# Ebay Deal



## Workaholic (Apr 17, 2007)

For all you corona fans out there here is a link to a guy that sells a lot of corona brushes.

http://cgi.ebay.com/NEW-CORONA-EXCA...5|66:2|65:12|39:1|240:1318|301:0|293:1|294:50

I am thinking of buying a box of 3.5 excaliburs.


----------



## JNLP (Dec 13, 2007)

I think next time I order supplies I'm going to pick one up for a try. I always forget but I hear alot of good things about them.


----------



## Workaholic (Apr 17, 2007)

I only have one Corona brush in my arsenel it is more like a purdy pip. I was looking at the Excalibur at the paint store the other day and liked the feel so i think i will give it a shot. 
I have heard good things about the chinex.


----------



## JNLP (Dec 13, 2007)

On the subject. Anybody ever use these? http://www.purdycorp.com/catalog/brushes/detail/105

I'm not all that much a Purdy fan, but I saw one for the first time at SW a couple days ago. Said they just got them. It felt like a nice ass brush.


----------



## Workaholic (Apr 17, 2007)

Was that purdy firm like a wooster? That is how the corona chinex felt.


----------



## Workaholic (Apr 17, 2007)

Well i bought a box of those 3.5 excaliburs. I will give a update on how i like it. If someone needs one let me know.


----------



## WisePainter (Dec 27, 2008)

Meh, now if those were a box of Corona Bronson's...whooh boy! I would have snatched them right up!!!


----------



## MAK-Deco (Apr 17, 2007)

Workaholic said:


> Well i bought a box of those 3.5 excaliburs. I will give a update on how i like it. If someone needs one let me know.

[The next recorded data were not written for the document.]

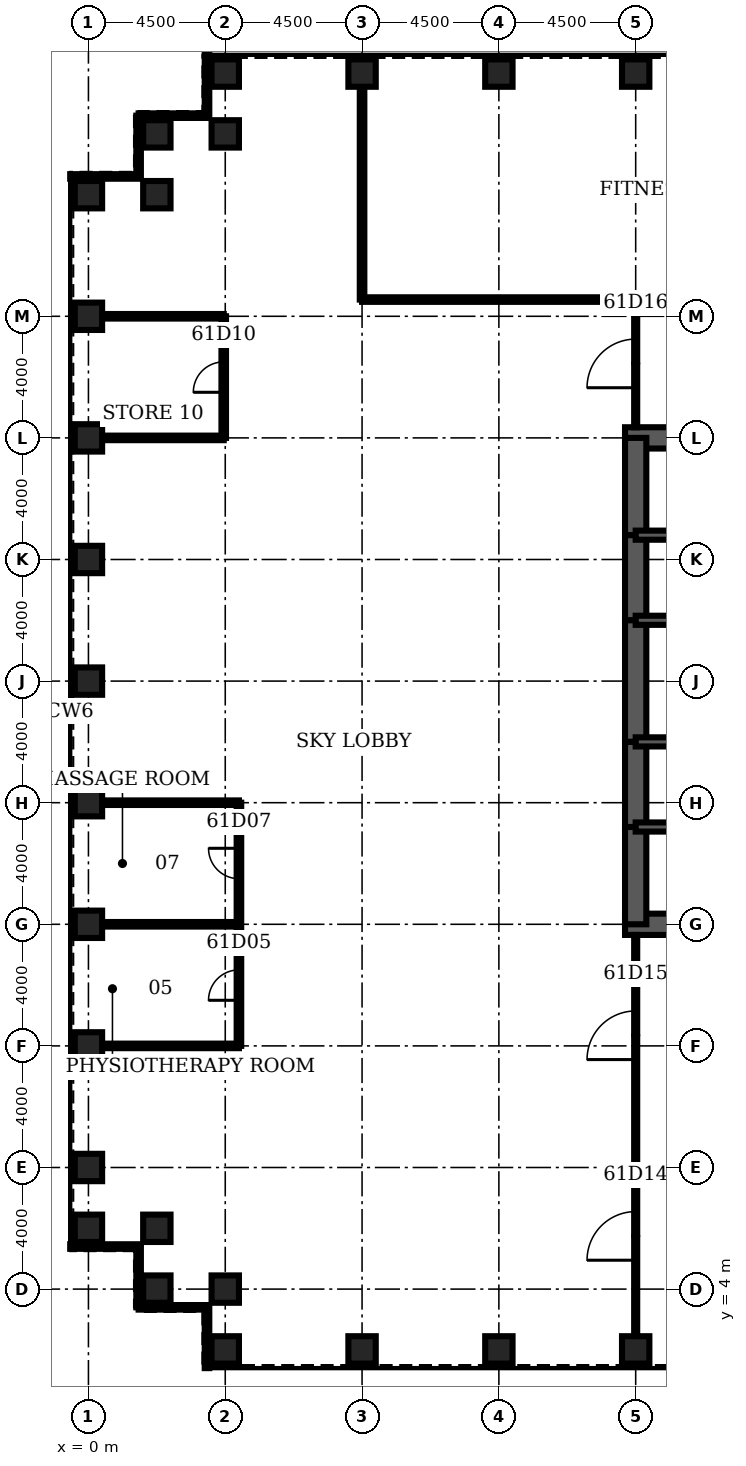
"""IFC4 building model, lengths in metres.
Left out: names, types, materials, properties, quantities, classifications, styles, units other than length and angle.
Written with IfcOpenShell. Run it as: python <this file> out.ifc"""

import sys

from ifc_helpers import new_model, si_unit, direction, frame, frame_2d, origin, origin_2d, place, context, subcontext, project, spatial, rectangle, hollow_rectangle, extrude, element, fill, save


model = new_model("IFC4")
c1 = context("Model", 3, precision=1e-05, world=origin(), true_north=direction((0.0, 1.0)))
c2 = subcontext(c1, "Body", "Model", "MODEL_VIEW")
j1 = project(units=[si_unit("LENGTHUNIT", "METRE"), si_unit("PLANEANGLEUNIT", "RADIAN")], contexts=[c1])
p1 = place(None, origin())
s1 = spatial("IfcSite", under=j1, at=p1, CompositionType="ELEMENT")
p2 = place(p1, origin())
s2 = spatial("IfcBuilding", under=s1, at=p2, CompositionType="ELEMENT")
p3 = place(p2, frame((0.0, 0.0, 271.1)))
s3 = spatial("IfcBuildingStorey", under=s2, at=p3, CompositionType="ELEMENT", Elevation=271.1)
for number, where, z_axis, x_axis in (
    (1, (4.5, 2.0, 0.0), (0.0, 0.0, 1.0), (0.0, 1.0, 0.0)),
    (2, (9.0, 2.0, 0.0), (0.0, 0.0, 1.0), (0.0, 1.0, 0.0)),
    (3, (13.5, 2.0, 0.0), (0.0, 0.0, 1.0), (0.0, 1.0, 0.0)),
    (4, (18.0, 2.0, 0.0), (0.0, 0.0, 1.0), (0.0, 1.0, 0.0)),
    (5, (18.0, 44.0, 0.0), (0.0, 0.0, 1.0), (0.0, 1.0, 0.0)),
    (6, (13.5, 44.0, 0.0), (0.0, 0.0, 1.0), (0.0, 1.0, 0.0)),
    (7, (9.0, 44.0, 0.0), (0.0, 0.0, 1.0), (0.0, 1.0, 0.0)),
    (8, (4.5, 44.0, 0.0), (0.0, 0.0, 1.0), (0.0, 1.0, 0.0)),
    (9, (4.5, 42.0, 0.0), (0.0, 0.0, 1.0), (0.0, 1.0, 0.0)),
    (10, (2.25, 42.0, 0.0), (0.0, 0.0, 1.0), (1.0, 0.0, 0.0)),
    (11, (2.25, 40.0, 0.0), (0.0, 0.0, 1.0), (1.0, 0.0, 0.0)),
    (12, (0.0, 40.0, 0.0), (0.0, 0.0, 1.0), (1.0, 0.0, 0.0)),
    (13, (0.0, 36.0, 0.0), (0.0, 0.0, 1.0), (1.0, 0.0, 0.0)),
    (14, (0.0, 32.0, 0.0), (0.0, 0.0, 1.0), (1.0, 0.0, 0.0)),
    (15, (0.0, 28.0, 0.0), (0.0, 0.0, 1.0), (1.0, 0.0, 0.0)),
    (16, (0.0, 24.0, 0.0), (0.0, 0.0, 1.0), (1.0, 0.0, 0.0)),
    (17, (0.0, 20.0, 0.0), (0.0, 0.0, 1.0), (1.0, 0.0, 0.0)),
    (18, (0.0, 16.0, 0.0), (0.0, 0.0, 1.0), (1.0, 0.0, 0.0)),
    (19, (0.0, 12.0, 0.0), (0.0, 0.0, 1.0), (1.0, 0.0, 0.0)),
    (20, (0.0, 8.0, 0.0), (0.0, 0.0, 1.0), (1.0, 0.0, 0.0)),
    (21, (0.0, 6.0, 0.0), (0.0, 0.0, 1.0), (1.0, 0.0, 0.0)),
    (22, (2.25, 6.0, 0.0), (0.0, 0.0, 1.0), (1.0, 0.0, 0.0)),
    (23, (2.25, 4.0, 0.0), (0.0, 0.0, 1.0), (1.0, 0.0, 0.0)),
    (24, (4.5, 4.0, 0.0), (0.0, 0.0, 1.0), (0.0, 1.0, 0.0)),
):
    element("IfcColumn", number, at=place(p3, frame(where, z_axis=z_axis, x_axis=x_axis)), inside=s3, PredefinedType="COLUMN", context=c2, shape_type="SweptSolid", body=[
        extrude(hollow_rectangle(XDim=0.9, YDim=0.9, WallThickness=0.07, at=origin_2d()), origin(), (0.0, 0.0, 1.0), 4.2),
    ])
for number, where, z_axis, x_axis in (
    (25, (17.65, 16.0, 0.0), (0.0, 0.0, 1.0), (1.0, 0.0, 0.0)),
    (26, (27.0, 32.0, 0.0), (0.0, 0.0, 1.0), (-1.0, 0.0, 0.0)),
):
    element("IfcWall", number, at=place(p3, frame(where, z_axis=z_axis, x_axis=x_axis)), inside=s3, PredefinedType="SHEAR", context=c2, shape_type="SweptSolid", body=[
        extrude(rectangle(XDim=9.35, YDim=0.7, at=frame_2d((4.675, 0.0))), origin(), (0.0, 0.0, 1.0), 4.2),
    ])
p4 = place(p3, frame((18.0, 32.0, 0.0), z_axis=(0.0, 0.0, 1.0), x_axis=(0.0, -1.0, 0.0)))
e27 = element("IfcWall", 27, at=p4, inside=s3, PredefinedType="SHEAR", context=c2, shape_type="SweptSolid", body=[
    extrude(rectangle(XDim=3.2, YDim=0.7, at=frame_2d((1.6, 0.0))), origin(), (0.0, 0.0, 1.0), 4.2),
])
p5 = place(p3, frame((18.0, 28.8, 0.0), z_axis=(0.0, 0.0, 1.0), x_axis=(0.0, -1.0, 0.0)))
e28 = element("IfcWall", 28, at=p5, inside=s3, PredefinedType="SHEAR", context=c2, shape_type="SweptSolid", body=[
    extrude(rectangle(XDim=2.8, YDim=0.7, at=frame_2d((1.4, 0.0))), origin(), (0.0, 0.0, 1.0), 4.2),
])
p6 = place(p5, frame((0.4, 0.0, 0.0)))
e29 = element("IfcOpeningElement", 29, at=p6, cuts=e28, PredefinedType="OPENING", context=c2, shape_type="SweptSolid", body=[
    extrude(rectangle(XDim=1.8, YDim=2.1, at=frame_2d((0.9, 1.05))), frame((0.0, 0.36, 0.0), z_axis=(0.0, -1.0, 0.0), x_axis=(1.0, 0.0, 0.0)), (0.0, 0.0, 1.0), 0.72),
])
p7 = place(p3, frame((18.0, 26.0, 0.0), z_axis=(0.0, 0.0, 1.0), x_axis=(0.0, -1.0, 0.0)))
e30 = element("IfcWall", 30, at=p7, inside=s3, PredefinedType="SHEAR", context=c2, shape_type="SweptSolid", body=[
    extrude(rectangle(XDim=4.0, YDim=0.7, at=frame_2d((2.0, 0.0))), origin(), (0.0, 0.0, 1.0), 4.2),
])
p8 = place(p3, frame((18.0, 22.0, 0.0), z_axis=(0.0, 0.0, 1.0), x_axis=(0.0, -1.0, 0.0)))
e31 = element("IfcWall", 31, at=p8, inside=s3, PredefinedType="SHEAR", context=c2, shape_type="SweptSolid", body=[
    extrude(rectangle(XDim=2.8, YDim=0.7, at=frame_2d((1.4, 0.0))), origin(), (0.0, 0.0, 1.0), 4.2),
])
p9 = place(p8, frame((0.6, 0.0, 0.0)))
e32 = element("IfcOpeningElement", 32, at=p9, cuts=e31, PredefinedType="OPENING", context=c2, shape_type="SweptSolid", body=[
    extrude(rectangle(XDim=1.8, YDim=2.1, at=frame_2d((0.9, 1.05))), frame((0.0, 0.36, 0.0), z_axis=(0.0, -1.0, 0.0), x_axis=(1.0, 0.0, 0.0)), (0.0, 0.0, 1.0), 0.72),
])
p10 = place(p3, frame((18.0, 19.2, 0.0), z_axis=(0.0, 0.0, 1.0), x_axis=(0.0, -1.0, 0.0)))
e33 = element("IfcWall", 33, at=p10, inside=s3, PredefinedType="SHEAR", context=c2, shape_type="SweptSolid", body=[
    extrude(rectangle(XDim=3.2, YDim=0.7, at=frame_2d((1.6, 0.0))), origin(), (0.0, 0.0, 1.0), 4.2),
])
p11 = place(p3, frame((18.0, 19.2, 0.0), z_axis=(0.0, 0.0, 1.0), x_axis=(1.0, 0.0, 0.0)))
e34 = element("IfcWall", 34, at=p11, inside=s3, PredefinedType="SOLIDWALL", context=c2, shape_type="SweptSolid", body=[
    extrude(rectangle(XDim=9.0, YDim=0.3, at=frame_2d((4.5, 0.0))), origin(), (0.0, 0.0, 1.0), 4.2),
])
p12 = place(p11, frame((0.65, 0.0, 0.0)))
e35 = element("IfcOpeningElement", 35, at=p12, cuts=e34, PredefinedType="OPENING", context=c2, shape_type="SweptSolid", body=[
    extrude(rectangle(XDim=1.0, YDim=2.1, at=frame_2d((0.5, 1.05))), frame((0.0, 0.16, 0.0), z_axis=(0.0, -1.0, 0.0), x_axis=(1.0, 0.0, 0.0)), (0.0, 0.0, 1.0), 0.32),
])
p13 = place(p3, frame((18.0, 28.8, 0.0), z_axis=(0.0, 0.0, 1.0), x_axis=(1.0, 0.0, 0.0)))
e36 = element("IfcWall", 36, at=p13, inside=s3, PredefinedType="SOLIDWALL", context=c2, shape_type="SweptSolid", body=[
    extrude(rectangle(XDim=9.0, YDim=0.3, at=frame_2d((4.5, 0.0))), origin(), (0.0, 0.0, 1.0), 4.2),
])
p14 = place(p13, frame((0.65, 0.0, 0.0)))
e37 = element("IfcOpeningElement", 37, at=p14, cuts=e36, PredefinedType="OPENING", context=c2, shape_type="SweptSolid", body=[
    extrude(rectangle(XDim=1.0, YDim=2.1, at=frame_2d((0.5, 1.05))), frame((0.0, 0.16, 0.0), z_axis=(0.0, -1.0, 0.0), x_axis=(1.0, 0.0, 0.0)), (0.0, 0.0, 1.0), 0.32),
])
p15 = place(p3, frame((18.0, 22.0, 0.0), z_axis=(0.0, 0.0, 1.0), x_axis=(1.0, 0.0, 0.0)))
e38 = element("IfcWall", 38, at=p15, inside=s3, PredefinedType="SOLIDWALL", context=c2, shape_type="SweptSolid", body=[
    extrude(rectangle(XDim=6.0, YDim=0.3, at=frame_2d((3.0, 0.0))), origin(), (0.0, 0.0, 1.0), 4.2),
])
p16 = place(p15, frame((2.0, 0.0, 0.0)))
e39 = element("IfcOpeningElement", 39, at=p16, cuts=e38, PredefinedType="OPENING", context=c2, shape_type="SweptSolid", body=[
    extrude(rectangle(XDim=1.0, YDim=2.1, at=frame_2d((0.5, 1.05))), frame((0.0, 0.16, 0.0), z_axis=(0.0, -1.0, 0.0), x_axis=(1.0, 0.0, 0.0)), (0.0, 0.0, 1.0), 0.32),
])
p17 = place(p3, frame((18.0, 26.0, 0.0), z_axis=(0.0, 0.0, 1.0), x_axis=(1.0, 0.0, 0.0)))
e40 = element("IfcWall", 40, at=p17, inside=s3, PredefinedType="SOLIDWALL", context=c2, shape_type="SweptSolid", body=[
    extrude(rectangle(XDim=6.0, YDim=0.3, at=frame_2d((3.0, 0.0))), origin(), (0.0, 0.0, 1.0), 4.2),
])
for number, where, z_axis, x_axis in (
    (41, (0.45, 12.0, 0.0), (0.0, 0.0, 1.0), (1.0, 0.0, 0.0)),
    (42, (0.45, 16.0, 0.0), (0.0, 0.0, 1.0), (1.0, 0.0, 0.0)),
    (43, (0.45, 20.0, 0.0), (0.0, 0.0, 1.0), (1.0, 0.0, 0.0)),
):
    element("IfcWall", number, at=place(p3, frame(where, z_axis=z_axis, x_axis=x_axis)), inside=s3, PredefinedType="PARTITIONING", context=c2, shape_type="SweptSolid", body=[
        extrude(rectangle(XDim=4.5, YDim=0.15, at=frame_2d((2.25, 0.0))), origin(), (0.0, 0.0, 1.0), 3.0),
    ])
for number, where, z_axis, x_axis in (
    (44, (0.45, 32.0, 0.0), (0.0, 0.0, 1.0), (1.0, 0.0, 0.0)),
    (45, (0.45, 36.0, 0.0), (0.0, 0.0, 1.0), (1.0, 0.0, 0.0)),
):
    element("IfcWall", number, at=place(p3, frame(where, z_axis=z_axis, x_axis=x_axis)), inside=s3, PredefinedType="PARTITIONING", context=c2, shape_type="SweptSolid", body=[
        extrude(rectangle(XDim=4.0, YDim=0.15, at=frame_2d((2.0, 0.0))), origin(), (0.0, 0.0, 1.0), 3.0),
    ])
p18 = place(p3, frame((9.0, 36.55, 0.0), z_axis=(0.0, 0.0, 1.0), x_axis=(1.0, 0.0, 0.0)))
e46 = element("IfcWall", 46, at=p18, inside=s3, PredefinedType="PARTITIONING", context=c2, shape_type="SweptSolid", body=[
    extrude(rectangle(XDim=22.5, YDim=0.15, at=frame_2d((11.25, 0.0))), origin(), (0.0, 0.0, 1.0), 3.0),
])
p19 = place(p18, frame((10.45, 0.0, 0.0)))
e47 = element("IfcOpeningElement", 47, at=p19, cuts=e46, PredefinedType="OPENING", context=c2, shape_type="SweptSolid", body=[
    extrude(rectangle(XDim=1.6, YDim=2.1, at=frame_2d((0.8, 1.05))), frame((0.0, 0.085, 0.0), z_axis=(0.0, -1.0, 0.0), x_axis=(1.0, 0.0, 0.0)), (0.0, 0.0, 1.0), 0.17),
])
p20 = place(p3, frame((4.45, 32.0, 0.0), z_axis=(0.0, 0.0, 1.0), x_axis=(0.0, 1.0, 0.0)))
e48 = element("IfcWall", 48, at=p20, inside=s3, PredefinedType="PARTITIONING", context=c2, shape_type="SweptSolid", body=[
    extrude(rectangle(XDim=4.0, YDim=0.15, at=frame_2d((2.0, 0.0))), origin(), (0.0, 0.0, 1.0), 3.0),
])
p21 = place(p20, frame((1.5, 0.0, 0.0)))
e49 = element("IfcOpeningElement", 49, at=p21, cuts=e48, PredefinedType="OPENING", context=c2, shape_type="SweptSolid", body=[
    extrude(rectangle(XDim=1.0, YDim=2.1, at=frame_2d((0.5, 1.05))), frame((0.0, 0.085, 0.0), z_axis=(0.0, -1.0, 0.0), x_axis=(1.0, 0.0, 0.0)), (0.0, 0.0, 1.0), 0.17),
])
p22 = place(p3, frame((4.95, 12.0, 0.0), z_axis=(0.0, 0.0, 1.0), x_axis=(0.0, 1.0, 0.0)))
e50 = element("IfcWall", 50, at=p22, inside=s3, PredefinedType="PARTITIONING", context=c2, shape_type="SweptSolid", body=[
    extrude(rectangle(XDim=8.0, YDim=0.15, at=frame_2d((4.0, 0.0))), origin(), (0.0, 0.0, 1.0), 3.0),
])
p23 = place(p22, frame((1.5, 0.0, 0.0)))
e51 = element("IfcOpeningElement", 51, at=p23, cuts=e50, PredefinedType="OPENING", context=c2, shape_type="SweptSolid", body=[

I actually started using them a few months ago and like them, I use them mostly on Aura Matte and have found they seem to lay down a nice brush stroke.


----------



## Workaholic (Apr 17, 2007)

WisePainter said:


> Meh, now if those were a box of Corona Bronson's...whooh boy! I would have snatched them right up!!!


Looks like a purdy pip. I have a Corona Challenger that i use now and again. It seems to be a good brush. It too is like a pip.




MAK-Deco said:


> I actually started using them a few months ago and like them, I use them mostly on Aura Matte and have found they seem to lay down a nice brush stroke.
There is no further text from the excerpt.